Le quatrième opérateur remplit donc son obligation réglementaire. Mais lorsqu'on débloque le droit à l'itinérance, dans les zones couvertes par Free, les communications peuvent passer soit par le réseau de Free, soit par celui d'Orange, nécessairement plus efficace et devant probablement le rester pendant encore plusieurs années. Le consommateur ne s'aperçoit bien sûr de rien lors de sa communication.

Des contrôles ont été effectués dans des zones où les opérateurs considéraient que le réseau de Free était très peu utilisé par rapport à celui d'Orange. Ils ont établi que, si une part significative du trafic passait bien par Orange, celle-ci était sensiblement moins importante que ne l'indiquaient certains chiffres cités vers la mi-janvier. Free a donc poursuivi le déploiement de son réseau.

Précisons aussi que le niveau du trafic de Free passant par le réseau d'Orange relève non d'une question réglementaire, mais de l'application d'un contrat de droit privé conclu entre France Télécom et Free, dans des conditions qu'ils ont définies. Si le contrat n'est pas respecté par l'une des parties, il leur revient d'en discuter, éventuellement de conclure un avenant – le trafic étant beaucoup plus important que prévu – et, le cas échéant, de dénoncer le contrat ou d'utiliser les voies de recours. Enfin, dans certains cas, les parties peuvent saisir l'ARCEP pour un règlement de différend. Nous n'avons été saisis d'aucune demande en ce sens et nous croyons savoir qu'actuellement France Télécom et Free discutent des ajustements à apporter au contrat qui les lie.

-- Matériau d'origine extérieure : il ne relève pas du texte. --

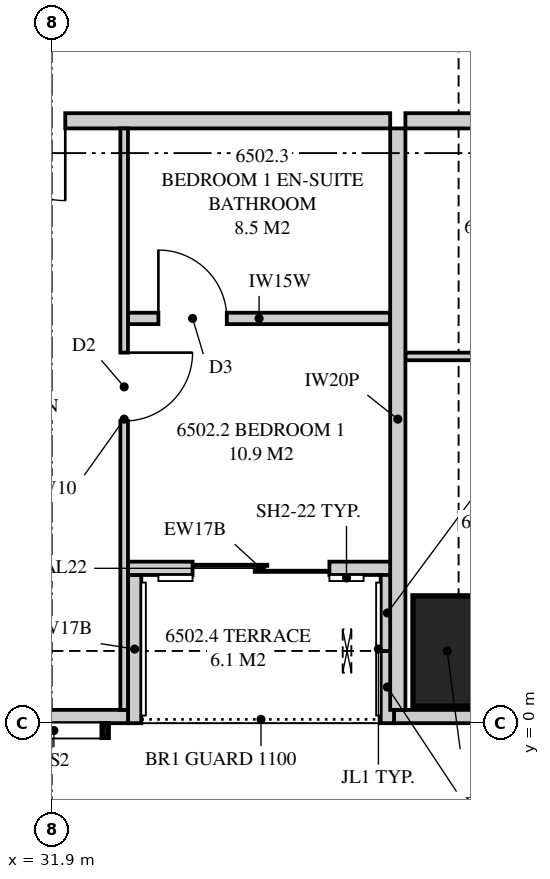
"""IFC4 building model, lengths in metres.
Left out: names, types, materials, properties, quantities, classifications, styles, units other than length and angle.
Written with IfcOpenShell. Run it as: python <this file> out.ifc"""

import sys

from ifc_helpers import new_model, si_unit, direction, frame, frame_2d, origin, origin_2d, place, context, subcontext, project, spatial, polyline, rectangle, outline, extrude, element, fill, save


model = new_model("IFC4")
c1 = context("Model", 3, precision=1e-05, world=origin(), true_north=direction((0.0, 1.0)))
c2 = subcontext(c1, "Body", "Model", "MODEL_VIEW")
j1 = project(units=[si_unit("LENGTHUNIT", "METRE"), si_unit("PLANEANGLEUNIT", "RADIAN")], contexts=[c1])
p1 = place(None, origin())
s1 = spatial("IfcSite", under=j1, at=p1, CompositionType="ELEMENT")
p2 = place(p1, origin())
s2 = spatial("IfcBuilding", under=s1, at=p2, CompositionType="ELEMENT")
p3 = place(p2, frame((0.0, 0.0, 238.95)))
s3 = spatial("IfcBuildingStorey", under=s2, at=p3, CompositionType="ELEMENT", Elevation=238.95)
p4 = place(p3, frame((37.25, 0.95, 0.0), z_axis=(0.0, 0.0, 1.0), x_axis=(0.0, 1.0, 0.0)))
e1 = element("IfcColumn", 1, at=p4, inside=s3, PredefinedType="COLUMN", context=c2, shape_type="SweptSolid", body=[
    extrude(rectangle(XDim=1.45, YDim=1.2, at=origin_2d()), origin(), (0.0, 0.0, 1.0), 3.5),
])
p5 = place(p3, frame((19.851, 0.087, 0.0), z_axis=(0.0, 0.0, 1.0), x_axis=(1.0, 0.0, 0.0)))
e2 = element("IfcWall", 2, at=p5, inside=s3, PredefinedType="SOLIDWALL", context=c2, shape_type="SweptSolid", body=[
    extrude(outline(polyline([(0.0, 0.0), (13.049, 0.0), (13.049, 2.3), (7.774, 2.3), (7.774, 3.26), (7.642, 3.26), (7.642, 2.3), (7.559, 2.3), (7.559, 3.26), (0.0, 3.26), (0.0, 0.0)])), frame((0.0, 0.087, 0.0), z_axis=(0.0, -1.0, 0.0), x_axis=(1.0, 0.0, 0.0)), (0.0, 0.0, 1.0), 0.175),
])
p6 = place(p5, frame((0.636, 0.0, 0.4)))
e3 = element("IfcOpeningElement", 3, at=p6, cuts=e2, PredefinedType="OPENING", context=c2, shape_type="SweptSolid", body=[
    extrude(rectangle(XDim=1.8, YDim=1.85, at=frame_2d((0.9, 0.925))), frame((0.0, 0.097, 0.0), z_axis=(0.0, -1.0, 0.0), x_axis=(1.0, 0.0, 0.0)), (0.0, 0.0, 1.0), 0.195),
])
p7 = place(p5, frame((4.049, 0.0, 0.4)))
e4 = element("IfcOpeningElement", 4, at=p7, cuts=e2, PredefinedType="OPENING", context=c2, shape_type="SweptSolid", body=[
    extrude(rectangle(XDim=1.8, YDim=1.85, at=frame_2d((0.9, 0.925))), frame((0.0, 0.097, 0.0), z_axis=(0.0, -1.0, 0.0), x_axis=(1.0, 0.0, 0.0)), (0.0, 0.0, 1.0), 0.195),
])
p8 = place(p5, frame((8.699, 0.0, 0.4)))
e5 = element("IfcOpeningElement", 5, at=p8, cuts=e2, PredefinedType="OPENING", context=c2, shape_type="SweptSolid", body=[
    extrude(rectangle(XDim=2.4, YDim=1.85, at=frame_2d((1.2, 0.925))), frame((0.0, 0.097, 0.0), z_axis=(0.0, -1.0, 0.0), x_axis=(1.0, 0.0, 0.0)), (0.0, 0.0, 1.0), 0.195),
])
p9 = place(p3, frame((36.4, 0.087, 0.0), z_axis=(0.0, 0.0, 1.0), x_axis=(1.0, 0.0, 0.0)))
e6 = element("IfcWall", 6, at=p9, inside=s3, PredefinedType="SOLIDWALL", context=c2, shape_type="SweptSolid", body=[
    extrude(outline(polyline([(0.0, 0.0), (17.049, 0.0), (17.049, 3.26), (10.69, 3.26), (10.69, 2.3), (10.606, 2.3), (10.606, 3.26), (10.475, 3.26), (10.475, 2.3), (0.0, 2.3), (0.0, 0.0)])), frame((0.0, 0.087, 0.0), z_axis=(0.0, -1.0, 0.0), x_axis=(1.0, 0.0, 0.0)), (0.0, 0.0, 1.0), 0.175),
])
p10 = place(p9, frame((1.76, 0.0, 0.4)))
e7 = element("IfcOpeningElement", 7, at=p10, cuts=e6, PredefinedType="OPENING", context=c2, shape_type="SweptSolid", body=[
    extrude(rectangle(XDim=2.4, YDim=1.85, at=frame_2d((1.2, 0.925))), frame((0.0, 0.097, 0.0), z_axis=(0.0, -1.0, 0.0), x_axis=(1.0, 0.0, 0.0)), (0.0, 0.0, 1.0), 0.195),
])
p11 = place(p9, frame((6.6, 0.0, 0.4)))
e8 = element("IfcOpeningElement", 8, at=p11, cuts=e6, PredefinedType="OPENING", context=c2, shape_type="SweptSolid", body=[
    extrude(rectangle(XDim=1.8, YDim=1.85, at=frame_2d((0.9, 0.925))), frame((0.0, 0.097, 0.0), z_axis=(0.0, -1.0, 0.0), x_axis=(1.0, 0.0, 0.0)), (0.0, 0.0, 1.0), 0.195),
])
p12 = place(p9, frame((11.357, 0.0, 0.4)))
e9 = element("IfcOpeningElement", 9, at=p12, cuts=e6, PredefinedType="OPENING", context=c2, shape_type="SweptSolid", body=[
    extrude(rectangle(XDim=1.8, YDim=1.85, at=frame_2d((0.9, 0.925))), frame((0.0, 0.097, 0.0), z_axis=(0.0, -1.0, 0.0), x_axis=(1.0, 0.0, 0.0)), (0.0, 0.0, 1.0), 0.195),
])
p13 = place(p9, frame((14.2, 0.0, 0.4)))
e10 = element("IfcOpeningElement", 10, at=p13, cuts=e6, PredefinedType="OPENING", context=c2, shape_type="SweptSolid", body=[
    extrude(rectangle(XDim=1.8, YDim=1.85, at=frame_2d((0.9, 0.925))), frame((0.0, 0.097, 0.0), z_axis=(0.0, -1.0, 0.0), x_axis=(1.0, 0.0, 0.0)), (0.0, 0.0, 1.0), 0.195),
])
p14 = place(p3, frame((32.9, 2.038, 0.0), z_axis=(0.0, 0.0, 1.0), x_axis=(1.0, 0.0, 0.0)))
e11 = element("IfcWall", 11, at=p14, inside=s3, PredefinedType="SOLIDWALL", context=c2, shape_type="SweptSolid", body=[
    extrude(outline(polyline([(0.0, 0.0), (3.5, 0.0), (3.5, 2.66), (3.15, 2.66), (3.15, 3.26), (0.0, 3.26), (0.0, 0.0)])), frame((0.0, 0.087, 0.0), z_axis=(0.0, -1.0, 0.0), x_axis=(1.0, 0.0, 0.0)), (0.0, 0.0, 1.0), 0.175),
])
p15 = place(p14, frame((0.85, 0.0, 0.0)))
e12 = element("IfcOpeningElement", 12, at=p15, cuts=e11, PredefinedType="OPENING", context=c2, shape_type="SweptSolid", body=[
    extrude(rectangle(XDim=1.8, YDim=2.25, at=frame_2d((0.9, 1.125))), frame((0.0, 0.097, 0.0), z_axis=(0.0, -1.0, 0.0), x_axis=(1.0, 0.0, 0.0)), (0.0, 0.0, 1.0), 0.195),
])
p16 = place(p3, frame((32.988, 0.0, 0.0), z_axis=(0.0, 0.0, 1.0), x_axis=(0.0, 1.0, 0.0)))
e13 = element("IfcWall", 13, at=p16, inside=s3, PredefinedType="SOLIDWALL", context=c2, shape_type="SweptSolid", body=[
    extrude(outline(polyline([(0.0, 0.0), (1.95, 0.0), (1.95, 3.26), (1.75, 3.26), (1.75, 2.3), (0.15, 2.3), (0.15, 3.26), (0.0, 3.26), (0.0, 0.0)])), frame((0.0, 0.087, 0.0), z_axis=(0.0, -1.0, 0.0), x_axis=(1.0, 0.0, 0.0)), (0.0, 0.0, 1.0), 0.175),
])
p17 = place(p3, frame((36.312, 0.0, 0.0), z_axis=(0.0, 0.0, 1.0), x_axis=(0.0, 1.0, 0.0)))
e14 = element("IfcWall", 14, at=p17, inside=s3, PredefinedType="SOLIDWALL", context=c2, shape_type="SweptSolid", body=[
    extrude(outline(polyline([(0.0, 0.0), (0.95, 0.0), (0.95, 2.3), (0.15, 2.3), (0.15, 3.26), (0.0, 3.26), (0.0, 0.0)])), frame((0.0, 0.087, 0.0), z_axis=(0.0, -1.0, 0.0), x_axis=(1.0, 0.0, 0.0)), (0.0, 0.0, 1.0), 0.175),
])
p18 = place(p3, frame((36.312, 0.95, 0.0), z_axis=(0.0, 0.0, 1.0), x_axis=(0.0, 1.0, 0.0)))
e15 = element("IfcWall", 15, at=p18, inside=s3, PredefinedType="SOLIDWALL", context=c2, shape_type="SweptSolid", body=[
    extrude(outline(polyline([(0.0, 0.0), (1.0, 0.0), (1.0, 2.66), (0.8, 2.66), (0.8, 2.3), (0.0, 2.3), (0.0, 0.0)])), frame((0.0, 0.087, 0.0), z_axis=(0.0, -1.0, 0.0), x_axis=(1.0, 0.0, 0.0)), (0.0, 0.0, 1.0), 0.175),
])
p19 = place(p3, frame((36.45, 0.175, 0.0), z_axis=(0.0, 0.0, 1.0), x_axis=(0.0, 1.0, 0.0)))
e16 = element("IfcWall", 16, at=p19, inside=s3, PredefinedType="PARTITIONING", context=c2, shape_type="SweptSolid", body=[
    extrude(outline(polyline([(0.0, 0.0), (7.65, 0.0), (7.65, 3.26), (7.65, 2.66), (1.685, 2.66), (1.685, 2.3), (0.0, 2.3), (0.0, 3.26), (0.0, 0.0)])), frame((0.0, 0.1, 0.0), z_axis=(0.0, -1.0, 0.0), x_axis=(1.0, 0.0, 0.0)), (0.0, 0.0, 1.0), 0.2),
])
p20 = place(p3, frame((26.7, 7.925, 0.0), z_axis=(0.0, 0.0, 1.0), x_axis=(1.0, 0.0, 0.0)))
e17 = element("IfcWall", 17, at=p20, inside=s3, PredefinedType="PARTITIONING", context=c2, shape_type="SweptSolid", body=[
    extrude(outline(polyline([(0.0, 0.0), (9.65, 0.0), (9.65, 3.26), (9.65, 2.66), (9.24, 2.66), (9.24, 3.26), (2.235, 3.26), (2.235, 2.66), (0.0, 2.66), (0.0, 3.26), (0.0, 0.0)])), frame((0.0, 0.1, 0.0), z_axis=(0.0, -1.0, 0.0), x_axis=(1.0, 0.0, 0.0)), (0.0, 0.0, 1.0), 0.2),
])
p21 = place(p20, frame((4.325, 0.0, 0.0)))
e18 = element("IfcOpeningElement", 18, at=p21, cuts=e17, PredefinedType="OPENING", context=c2, shape_type="SweptSolid", body=[
    extrude(rectangle(XDim=1.05, YDim=2.2, at=frame_2d((0.525, 1.1))), frame((0.0, 0.11, 0.0), z_axis=(0.0, -1.0, 0.0), x_axis=(1.0, 0.0, 0.0)), (0.0, 0.0, 1.0), 0.22),
])
p22 = place(p3, frame((32.85, 0.175, 0.0), z_axis=(0.0, 0.0, 1.0), x_axis=(0.0, 1.0, 0.0)))
e19 = element("IfcWall", 19, at=p22, inside=s3, PredefinedType="PARTITIONING", context=c2, shape_type="SweptSolid", body=[
    extrude(outline(polyline([(0.0, 0.0), (7.65, 0.0), (7.65, 3.26), (1.635, 3.26), (1.635, 2.3), (0.0, 2.3), (0.0, 3.26), (0.0, 0.0)])), frame((0.0, 0.05, 0.0), z_axis=(0.0, -1.0, 0.0), x_axis=(1.0, 0.0, 0.0)), (0.0, 0.0, 1.0), 0.1),
])
p23 = place(p22, frame((3.8, 0.0, 0.0)))
e20 = element("IfcOpeningElement", 20, at=p23, cuts=e19, PredefinedType="OPENING", context=c2, shape_type="SweptSolid", body=[
    extrude(rectangle(XDim=0.9, YDim=2.1, at=frame_2d((0.45, 1.05))), frame((0.0, 0.06, 0.0), z_axis=(0.0, -1.0, 0.0), x_axis=(1.0, 0.0, 0.0)), (0.0, 0.0, 1.0), 0.12),
])
p24 = place(p3, frame((32.9, 5.325, 0.0), z_axis=(0.0, 0.0, 1.0), x_axis=(1.0, 0.0, 0.0)))
e21 = element("IfcWall", 21, at=p24, inside=s3, PredefinedType="PLUMBINGWALL", context=c2, shape_type="SweptSolid", body=[
    extrude(outline(polyline([(0.0, 0.0), (3.45, 0.0), (3.45, 3.26), (3.45, 2.66), (3.065, 2.66), (3.065, 3.26), (0.0, 3.26), (0.0, 0.0)])), frame((0.0, 0.075, 0.0), z_axis=(0.0, -1.0, 0.0), x_axis=(1.0, 0.0, 0.0)), (0.0, 0.0, 1.0), 0.15),
])
p25 = place(p24, frame((0.4, 0.0, 0.0)))
e22 = element("IfcOpeningElement", 22, at=p25, cuts=e21, PredefinedType="OPENING", context=c2, shape_type="SweptSolid", body=[
    extrude(rectangle(XDim=0.9, YDim=2.1, at=frame_2d((0.45, 1.05))), frame((0.0, 0.085, 0.0), z_axis=(0.0, -1.0, 0.0), x_axis=(1.0, 0.0, 0.0)), (0.0, 0.0, 1.0), 0.17),
])
p26 = place(p3, frame((36.55, 7.925, 0.0), z_axis=(0.0, 0.0, 1.0), x_axis=(1.0, 0.0, 0.0)))
e23 = element("IfcWall", 23, at=p26, inside=s3, PredefinedType="PARTITIONING", context=c2, shape_type="SweptSolid", body=[
    extrude(outline(polyline([(0.0, 0.0), (9.325, 0.0), (9.325, 3.26), (9.325, 2.66), (9.015, 2.66), (9.015, 3.26), (2.01, 3.26), (2.01, 2.66), (0.0, 2.66), (0.0, 3.26), (0.0, 0.0)])), frame((0.0, 0.1, 0.0), z_axis=(0.0, -1.0, 0.0), x_axis=(1.0, 0.0, 0.0)), (0.0, 0.0, 1.0), 0.2),
])
p27 = place(p26, frame((4.15, 0.0, 0.0)))
e24 = element("IfcOpeningElement", 24, at=p27, cuts=e23, PredefinedType="OPENING", context=c2, shape_type="SweptSolid", body=[
    extrude(rectangle(XDim=1.05, YDim=2.2, at=frame_2d((0.525, 1.1))), frame((0.0, 0.11, 0.0), z_axis=(0.0, -1.0, 0.0), x_axis=(1.0, 0.0, 0.0)), (0.0, 0.0, 1.0), 0.22),
])
p28 = place(p3, frame((36.55, 4.825, 0.0), z_axis=(0.0, 0.0, 1.0), x_axis=(1.0, 0.0, 0.0)))
e25 = element("IfcWall", 25, at=p28, inside=s3, PredefinedType="PARTITIONING", context=c2, shape_type="SweptSolid", body=[
    extrude(outline(polyline([(0.0, 0.0), (3.55, 0.0), (3.55, 3.26), (1.96, 3.26), (1.96, 2.66), (0.0, 2.66), (0.0, 3.26), (0.0, 0.0)])), frame((0.0, 0.05, 0.0), z_axis=(0.0, -1.0, 0.0), x_axis=(1.0, 0.0, 0.0)), (0.0, 0.0, 1.0), 0.1),
])
p29 = place(p28, frame((1.35, 0.0, 0.0)))
e26 = element("IfcOpeningElement", 26, at=p29, cuts=e25, PredefinedType="OPENING", context=c2, shape_type="SweptSolid", body=[
    extrude(rectangle(XDim=0.9, YDim=2.1, at=frame_2d((0.45, 1.05))), frame((0.0, 0.06, 0.0), z_axis=(0.0, -1.0, 0.0), x_axis=(1.0, 0.0, 0.0)), (0.0, 0.0, 1.0), 0.12),
])
p30 = place(p15, origin())
e27 = element("IfcDoor", 27, at=p30, inside=s3, OperationType="SLIDING_TO_LEFT", PredefinedType="DOOR", context=c2, shape_type="SweptSolid", body=[
    extrude(rectangle(XDim=1.8, YDim=2.25, at=frame_2d((0.9, 1.125))), frame((0.0, 0.025, 0.0), z_axis=(0.0, -1.0, 0.0), x_axis=(1.0, 0.0, 0.0)), (0.0, 0.0, 1.0), 0.05),
])
fill(e12, e27)
p31 = place(p21, frame((1.05, 0.0, 0.0), z_axis=(0.0, 0.0, 1.0), x_axis=(-1.0, 0.0, 0.0)))
e28 = element("IfcDoor", 28, at=p31, inside=s3, OperationType="SINGLE_SWING_LEFT", PredefinedType="DOOR", context=c2, shape_type="SweptSolid", body=[
    extrude(rectangle(XDim=1.05, YDim=2.2, at=frame_2d((0.525, 1.1))), frame((0.0, 0.025, 0.0), z_axis=(0.0, -1.0, 0.0), x_axis=(1.0, 0.0, 0.0)), (0.0, 0.0, 1.0), 0.05),
])
fill(e18, e28)
p32 = place(p23, frame((0.9, 0.0, 0.0), z_axis=(0.0, 0.0, 1.0), x_axis=(-1.0, 0.0, 0.0)))
e29 = element("IfcDoor", 29, at=p32, inside=s3, OperationType="SINGLE_SWING_LEFT", PredefinedType="DOOR", context=c2, shape_type="SweptSolid", body=[
    extrude(rectangle(XDim=0.9, YDim=2.1, at=frame_2d((0.45, 1.05))), frame((0.0, 0.025, 0.0), z_axis=(0.0, -1.0, 0.0), x_axis=(1.0, 0.0, 0.0)), (0.0, 0.0, 1.0), 0.05),
])
fill(e20, e29)
p33 = place(p25, origin())
e30 = element("IfcDoor", 30, at=p33, inside=s3, OperationType="SINGLE_SWING_LEFT", PredefinedType="DOOR", context=c2, shape_type="SweptSolid", body=[
    extrude(rectangle(XDim=0.9, YDim=2.1, at=frame_2d((0.45, 1.05))), frame((0.0, 0.025, 0.0), z_axis=(0.0, -1.0, 0.0), x_axis=(1.0, 0.0, 0.0)), (0.0, 0.0, 1.0), 0.05),
])
fill(e22, e30)
save(model, sys.argv[1])

Tous ces éléments doivent être rapportés aux ordres de grandeur du marché. La clientèle d'Orange comporte près de 28 millions d'abonnés. Dans les hypothèses les plus optimistes, celle de Free doit atteindre 2 millions d'abonnés. Pour les 73 % de la population non couverte par le réseau de Free, les communications des abonnés de Free passent obligatoirement par le réseau d'Orange. Si on fait l'hypothèse que, pour la zone couverte par Free, la moitié des communications passent par le réseau d'Orange, on voit qu'environ 87 % du trafic de Free passe par le réseau d'Orange, soit celui de 1,7 million d'abonnés environ qui s'ajoutent, d'une certaine façon, à la clientèle de celui-ci. Ce trafic additionnel n'apparaît donc pas de nature à perturber l'équilibre du réseau d'Orange.